Authors: Seung-Woo Nam, Gun-Yeal Lee, Suyeon Choi, Gordon Wetzstein

Bio: Seung-Woo Nam is a postdoctoral researcher in the Stanford Computational Imaging Lab, working with Prof. Gordon Wetzstein. His research focuses on holography, AR/VR displays, computational imaging, visual perception, and metasurface optics. He received his PhD in Electrical and Computer Engineering from Seoul National University.
Title: Solving Inverse Problems in Imaging with Diffusion Models

Abstract: Diffusion generative priors have advanced reconstruction in ill‑posed imaging by coupling data fidelity with perceptual realism. This poster adopts a unified posterior‑inference view, and organizes recent posterior‑sampling approaches into three paradigms: (i) fine‑tuning, where diffusion models are adapted to specific forward operators (e.g., conditional/latent diffusion); (ii) guidance‑based methods that augment sampling with likelihood gradients or projection steps to enforce measurement consistency; and (iii) inference‑time scaling strategies that calibrate noise schedules, guidance strengths, or solvers to maximize user-specified reward. Within this taxonomy we present Dual Ascent Diffusion (DDiff), a guidance‑based approach that alternates score‑driven updates with principled data‑consistency steps, yielding improved reconstructions over strong baselines in deconvolution, motion deblurring, phase retrieval, etc. We conclude by noting open challenges and opportunities. These chart a path toward trustworthy diffusion‑based reconstruction.
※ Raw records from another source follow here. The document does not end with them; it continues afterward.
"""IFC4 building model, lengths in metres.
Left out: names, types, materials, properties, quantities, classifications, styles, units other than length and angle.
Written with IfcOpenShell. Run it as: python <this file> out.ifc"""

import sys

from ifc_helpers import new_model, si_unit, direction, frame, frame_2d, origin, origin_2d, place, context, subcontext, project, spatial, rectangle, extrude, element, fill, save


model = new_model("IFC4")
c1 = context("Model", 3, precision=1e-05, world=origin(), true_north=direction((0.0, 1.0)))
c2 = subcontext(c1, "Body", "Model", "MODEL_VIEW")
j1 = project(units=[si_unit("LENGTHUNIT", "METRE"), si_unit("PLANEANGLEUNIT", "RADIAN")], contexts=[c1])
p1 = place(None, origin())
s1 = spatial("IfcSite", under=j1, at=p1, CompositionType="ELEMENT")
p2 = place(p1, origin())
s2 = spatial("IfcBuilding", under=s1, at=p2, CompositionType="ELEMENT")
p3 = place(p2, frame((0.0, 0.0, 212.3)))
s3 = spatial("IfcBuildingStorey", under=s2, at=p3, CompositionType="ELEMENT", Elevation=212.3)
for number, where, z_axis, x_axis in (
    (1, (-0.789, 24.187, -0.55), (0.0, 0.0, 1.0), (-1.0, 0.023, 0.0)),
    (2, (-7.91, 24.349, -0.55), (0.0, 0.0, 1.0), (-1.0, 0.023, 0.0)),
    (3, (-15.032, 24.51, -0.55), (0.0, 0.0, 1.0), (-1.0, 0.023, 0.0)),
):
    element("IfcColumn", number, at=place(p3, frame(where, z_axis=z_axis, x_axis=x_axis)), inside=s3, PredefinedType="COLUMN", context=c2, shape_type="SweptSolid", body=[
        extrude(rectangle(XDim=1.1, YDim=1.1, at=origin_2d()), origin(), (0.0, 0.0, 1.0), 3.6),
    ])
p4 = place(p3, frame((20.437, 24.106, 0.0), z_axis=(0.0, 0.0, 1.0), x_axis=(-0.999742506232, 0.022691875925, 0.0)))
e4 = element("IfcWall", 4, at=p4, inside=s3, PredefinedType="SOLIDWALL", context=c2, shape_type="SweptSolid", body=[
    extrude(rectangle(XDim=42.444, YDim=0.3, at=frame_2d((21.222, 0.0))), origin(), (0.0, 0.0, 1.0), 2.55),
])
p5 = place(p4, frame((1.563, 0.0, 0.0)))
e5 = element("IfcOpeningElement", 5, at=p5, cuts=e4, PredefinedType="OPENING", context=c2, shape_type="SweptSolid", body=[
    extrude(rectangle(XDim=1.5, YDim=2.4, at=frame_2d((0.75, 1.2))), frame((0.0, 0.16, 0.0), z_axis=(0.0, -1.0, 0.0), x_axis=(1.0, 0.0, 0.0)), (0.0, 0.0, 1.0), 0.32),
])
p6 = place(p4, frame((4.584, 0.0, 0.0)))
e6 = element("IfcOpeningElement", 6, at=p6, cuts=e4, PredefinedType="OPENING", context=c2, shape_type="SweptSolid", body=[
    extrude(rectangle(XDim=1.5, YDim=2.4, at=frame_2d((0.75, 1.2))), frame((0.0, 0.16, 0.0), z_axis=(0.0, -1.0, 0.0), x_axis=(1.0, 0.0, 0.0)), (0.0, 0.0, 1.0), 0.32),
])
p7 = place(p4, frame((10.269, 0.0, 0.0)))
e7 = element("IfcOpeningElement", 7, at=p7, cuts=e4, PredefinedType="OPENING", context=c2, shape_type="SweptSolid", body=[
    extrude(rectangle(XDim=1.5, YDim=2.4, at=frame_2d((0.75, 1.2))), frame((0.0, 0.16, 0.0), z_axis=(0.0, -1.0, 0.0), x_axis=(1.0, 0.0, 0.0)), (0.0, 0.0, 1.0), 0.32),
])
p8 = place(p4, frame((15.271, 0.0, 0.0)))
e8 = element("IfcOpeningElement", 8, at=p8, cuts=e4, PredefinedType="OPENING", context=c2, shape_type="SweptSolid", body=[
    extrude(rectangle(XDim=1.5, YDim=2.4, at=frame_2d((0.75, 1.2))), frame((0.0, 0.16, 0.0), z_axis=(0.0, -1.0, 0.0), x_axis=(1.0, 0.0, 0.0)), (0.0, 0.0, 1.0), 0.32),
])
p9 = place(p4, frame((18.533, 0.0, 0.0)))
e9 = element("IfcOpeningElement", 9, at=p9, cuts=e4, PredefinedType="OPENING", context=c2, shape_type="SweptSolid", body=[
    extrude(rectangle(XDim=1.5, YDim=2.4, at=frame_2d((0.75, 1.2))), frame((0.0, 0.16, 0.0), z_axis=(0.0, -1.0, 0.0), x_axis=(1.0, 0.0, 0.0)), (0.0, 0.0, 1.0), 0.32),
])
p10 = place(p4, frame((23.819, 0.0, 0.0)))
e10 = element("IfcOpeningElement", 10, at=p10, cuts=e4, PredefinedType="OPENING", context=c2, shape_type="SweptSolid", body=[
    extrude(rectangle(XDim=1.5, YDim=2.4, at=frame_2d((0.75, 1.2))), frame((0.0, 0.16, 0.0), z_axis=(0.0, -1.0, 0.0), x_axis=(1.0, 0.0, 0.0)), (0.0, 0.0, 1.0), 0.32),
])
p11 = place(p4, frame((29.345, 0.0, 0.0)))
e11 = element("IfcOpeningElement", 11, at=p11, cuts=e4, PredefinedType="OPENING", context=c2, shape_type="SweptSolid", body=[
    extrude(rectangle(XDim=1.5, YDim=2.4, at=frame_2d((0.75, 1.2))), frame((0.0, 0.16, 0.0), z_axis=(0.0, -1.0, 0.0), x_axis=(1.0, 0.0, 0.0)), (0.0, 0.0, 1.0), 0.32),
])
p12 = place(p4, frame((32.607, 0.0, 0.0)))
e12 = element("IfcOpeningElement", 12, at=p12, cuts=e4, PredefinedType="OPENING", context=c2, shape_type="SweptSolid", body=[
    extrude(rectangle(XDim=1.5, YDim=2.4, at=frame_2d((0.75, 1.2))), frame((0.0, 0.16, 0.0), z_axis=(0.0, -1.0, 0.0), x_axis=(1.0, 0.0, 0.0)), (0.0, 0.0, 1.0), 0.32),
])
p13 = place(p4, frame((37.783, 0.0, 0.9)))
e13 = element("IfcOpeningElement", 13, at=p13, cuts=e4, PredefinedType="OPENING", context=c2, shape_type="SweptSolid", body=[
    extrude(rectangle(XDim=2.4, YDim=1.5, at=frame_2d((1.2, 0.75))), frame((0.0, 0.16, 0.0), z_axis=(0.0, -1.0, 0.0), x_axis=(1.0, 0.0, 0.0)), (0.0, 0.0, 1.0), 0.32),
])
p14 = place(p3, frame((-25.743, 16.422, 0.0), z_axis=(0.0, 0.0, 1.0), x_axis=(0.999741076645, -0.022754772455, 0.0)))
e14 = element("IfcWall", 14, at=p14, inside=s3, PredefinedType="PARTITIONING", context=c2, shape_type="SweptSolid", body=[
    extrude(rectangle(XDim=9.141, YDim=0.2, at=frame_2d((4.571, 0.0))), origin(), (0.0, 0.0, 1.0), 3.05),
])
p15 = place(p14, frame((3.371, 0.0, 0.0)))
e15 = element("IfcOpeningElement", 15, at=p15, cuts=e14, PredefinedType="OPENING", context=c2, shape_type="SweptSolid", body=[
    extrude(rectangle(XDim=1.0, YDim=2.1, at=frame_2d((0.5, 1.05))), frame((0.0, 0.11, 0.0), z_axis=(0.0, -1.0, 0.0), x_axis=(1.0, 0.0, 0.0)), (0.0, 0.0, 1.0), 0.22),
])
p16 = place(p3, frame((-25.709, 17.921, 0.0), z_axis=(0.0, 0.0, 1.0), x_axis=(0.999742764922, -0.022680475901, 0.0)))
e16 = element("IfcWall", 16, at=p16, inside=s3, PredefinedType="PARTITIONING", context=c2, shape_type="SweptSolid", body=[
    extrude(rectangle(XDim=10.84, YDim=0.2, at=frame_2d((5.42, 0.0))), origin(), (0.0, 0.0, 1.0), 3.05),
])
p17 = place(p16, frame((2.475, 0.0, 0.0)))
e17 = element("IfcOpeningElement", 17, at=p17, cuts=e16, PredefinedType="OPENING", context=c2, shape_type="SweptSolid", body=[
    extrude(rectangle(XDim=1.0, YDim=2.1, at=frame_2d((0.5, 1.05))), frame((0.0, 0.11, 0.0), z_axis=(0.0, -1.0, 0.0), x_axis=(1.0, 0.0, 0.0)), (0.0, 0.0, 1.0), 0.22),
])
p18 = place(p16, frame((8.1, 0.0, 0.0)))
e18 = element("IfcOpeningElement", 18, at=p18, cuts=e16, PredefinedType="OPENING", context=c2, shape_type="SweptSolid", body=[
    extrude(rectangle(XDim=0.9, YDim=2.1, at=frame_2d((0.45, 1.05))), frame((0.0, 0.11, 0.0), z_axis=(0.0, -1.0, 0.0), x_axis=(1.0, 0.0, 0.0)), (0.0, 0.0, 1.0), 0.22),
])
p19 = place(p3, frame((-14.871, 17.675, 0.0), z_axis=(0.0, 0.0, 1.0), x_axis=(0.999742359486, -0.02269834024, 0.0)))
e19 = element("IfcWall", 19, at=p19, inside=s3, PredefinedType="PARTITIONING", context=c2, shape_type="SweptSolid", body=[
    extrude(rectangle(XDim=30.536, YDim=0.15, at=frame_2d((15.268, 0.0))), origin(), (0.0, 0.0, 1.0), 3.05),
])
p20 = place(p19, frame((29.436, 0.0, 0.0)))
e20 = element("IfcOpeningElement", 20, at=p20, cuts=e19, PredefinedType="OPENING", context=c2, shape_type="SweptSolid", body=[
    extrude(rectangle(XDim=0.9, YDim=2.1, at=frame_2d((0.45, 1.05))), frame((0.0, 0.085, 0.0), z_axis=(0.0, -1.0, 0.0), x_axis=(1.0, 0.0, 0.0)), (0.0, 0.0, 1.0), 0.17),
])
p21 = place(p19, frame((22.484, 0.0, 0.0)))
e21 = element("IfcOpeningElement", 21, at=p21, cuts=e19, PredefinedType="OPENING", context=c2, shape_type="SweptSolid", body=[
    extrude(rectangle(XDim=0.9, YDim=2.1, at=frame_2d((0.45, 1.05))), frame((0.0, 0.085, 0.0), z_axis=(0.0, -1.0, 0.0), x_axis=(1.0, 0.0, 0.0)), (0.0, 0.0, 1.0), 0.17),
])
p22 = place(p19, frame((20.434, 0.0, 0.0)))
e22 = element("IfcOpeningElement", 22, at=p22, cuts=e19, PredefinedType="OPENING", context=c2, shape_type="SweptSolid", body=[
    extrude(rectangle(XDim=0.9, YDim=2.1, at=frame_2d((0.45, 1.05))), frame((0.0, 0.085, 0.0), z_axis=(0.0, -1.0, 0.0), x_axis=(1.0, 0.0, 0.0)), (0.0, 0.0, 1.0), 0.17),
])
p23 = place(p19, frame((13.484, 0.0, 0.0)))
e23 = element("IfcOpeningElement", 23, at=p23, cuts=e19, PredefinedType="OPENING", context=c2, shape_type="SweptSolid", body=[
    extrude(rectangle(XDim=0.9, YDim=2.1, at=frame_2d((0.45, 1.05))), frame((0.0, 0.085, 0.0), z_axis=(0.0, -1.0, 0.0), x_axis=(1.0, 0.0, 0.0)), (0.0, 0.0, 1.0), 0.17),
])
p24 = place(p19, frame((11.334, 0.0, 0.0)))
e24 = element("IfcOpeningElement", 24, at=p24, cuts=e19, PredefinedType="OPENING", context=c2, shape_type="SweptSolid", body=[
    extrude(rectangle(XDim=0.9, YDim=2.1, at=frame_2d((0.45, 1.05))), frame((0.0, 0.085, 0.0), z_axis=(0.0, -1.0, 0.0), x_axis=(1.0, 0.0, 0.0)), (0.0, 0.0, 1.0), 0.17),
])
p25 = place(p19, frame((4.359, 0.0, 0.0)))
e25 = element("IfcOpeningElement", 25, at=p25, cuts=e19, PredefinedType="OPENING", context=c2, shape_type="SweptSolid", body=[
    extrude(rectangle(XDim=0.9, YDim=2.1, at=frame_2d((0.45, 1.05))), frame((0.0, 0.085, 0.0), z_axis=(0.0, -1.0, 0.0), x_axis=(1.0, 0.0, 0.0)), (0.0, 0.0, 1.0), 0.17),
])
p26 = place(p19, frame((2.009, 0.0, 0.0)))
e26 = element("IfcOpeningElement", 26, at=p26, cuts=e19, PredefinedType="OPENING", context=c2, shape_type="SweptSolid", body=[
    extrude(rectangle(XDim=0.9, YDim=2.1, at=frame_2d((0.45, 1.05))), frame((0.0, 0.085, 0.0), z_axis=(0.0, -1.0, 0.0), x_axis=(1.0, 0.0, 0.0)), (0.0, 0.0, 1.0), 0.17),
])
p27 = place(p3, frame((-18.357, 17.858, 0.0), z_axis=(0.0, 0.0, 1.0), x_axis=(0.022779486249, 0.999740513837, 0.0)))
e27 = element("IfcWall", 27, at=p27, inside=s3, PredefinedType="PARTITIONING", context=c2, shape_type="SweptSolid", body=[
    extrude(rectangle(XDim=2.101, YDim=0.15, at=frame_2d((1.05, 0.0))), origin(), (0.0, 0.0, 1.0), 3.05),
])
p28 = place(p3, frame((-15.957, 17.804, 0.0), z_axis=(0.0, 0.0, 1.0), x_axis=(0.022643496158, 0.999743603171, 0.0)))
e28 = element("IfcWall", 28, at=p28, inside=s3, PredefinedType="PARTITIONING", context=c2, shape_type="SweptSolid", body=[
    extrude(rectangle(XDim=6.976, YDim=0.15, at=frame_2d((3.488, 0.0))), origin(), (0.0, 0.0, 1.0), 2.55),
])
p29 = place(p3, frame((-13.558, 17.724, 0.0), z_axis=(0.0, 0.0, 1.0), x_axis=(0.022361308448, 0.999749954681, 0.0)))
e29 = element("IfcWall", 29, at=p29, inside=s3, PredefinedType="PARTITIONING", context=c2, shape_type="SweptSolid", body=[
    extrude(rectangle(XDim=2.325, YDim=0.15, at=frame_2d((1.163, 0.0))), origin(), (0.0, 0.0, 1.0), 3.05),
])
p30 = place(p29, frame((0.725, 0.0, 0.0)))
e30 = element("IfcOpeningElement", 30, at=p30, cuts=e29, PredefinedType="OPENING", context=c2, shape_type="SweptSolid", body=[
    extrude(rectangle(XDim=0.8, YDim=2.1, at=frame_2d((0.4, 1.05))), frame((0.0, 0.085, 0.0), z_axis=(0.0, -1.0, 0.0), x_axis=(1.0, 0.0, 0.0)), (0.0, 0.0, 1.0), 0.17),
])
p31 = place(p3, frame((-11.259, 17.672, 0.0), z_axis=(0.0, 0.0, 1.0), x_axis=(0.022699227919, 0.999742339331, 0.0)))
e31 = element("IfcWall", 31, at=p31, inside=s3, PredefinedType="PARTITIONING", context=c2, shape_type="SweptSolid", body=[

Authors: Sonia Minseo Kim, Gordon Wetzstein

Bio: Sonia Minseo Kim is a 2nd-year MSEE student working at Professor Gordon Wetzstein’s Stanford Computational Imaging Lab.
Title: All-Optical Generative Models

Abstract: Generative artificial intelligence (GenAI) has reached unprecedented capabilities but remains fundamentally constrained by the power and heat dissipation limits of digital electronics. The energy demand of large-scale generative models calls for exploring alternative, domain-specific computing paradigms. Analog optical systems offer an appealing route, as light inherently enables passive, massively parallel, and ultrafast computation with minimal energy loss. However, realizing competitive all-optical generative models remains challenging due to the difficulty of mapping high-dimensional learning dynamics into purely optical operations. In this study, we present all-optical image generation models with user-input guidance and architecture optimized generation paths through programmable diffractive networks. Our results demonstrate that passive optical propagation can approximate modern generative processes with high fidelity and exceptional energy efficiency, providing a realistic pathway toward scalable and sustainable optical AI accelerators.

Authors: Ilker Oguz, Suyeon Choi, Gordon Wetzstein

Bio: Ilker is a Postdoctoral Researcher in Stanford Computational Imaging Laboratory, working on optics-based hardware implementations of modern neural networks and AI architectures. Prior to joining Stanford, he finished his PhD in the School of Photonics at EPFL and MSc in ETH Zurich, Switzerland.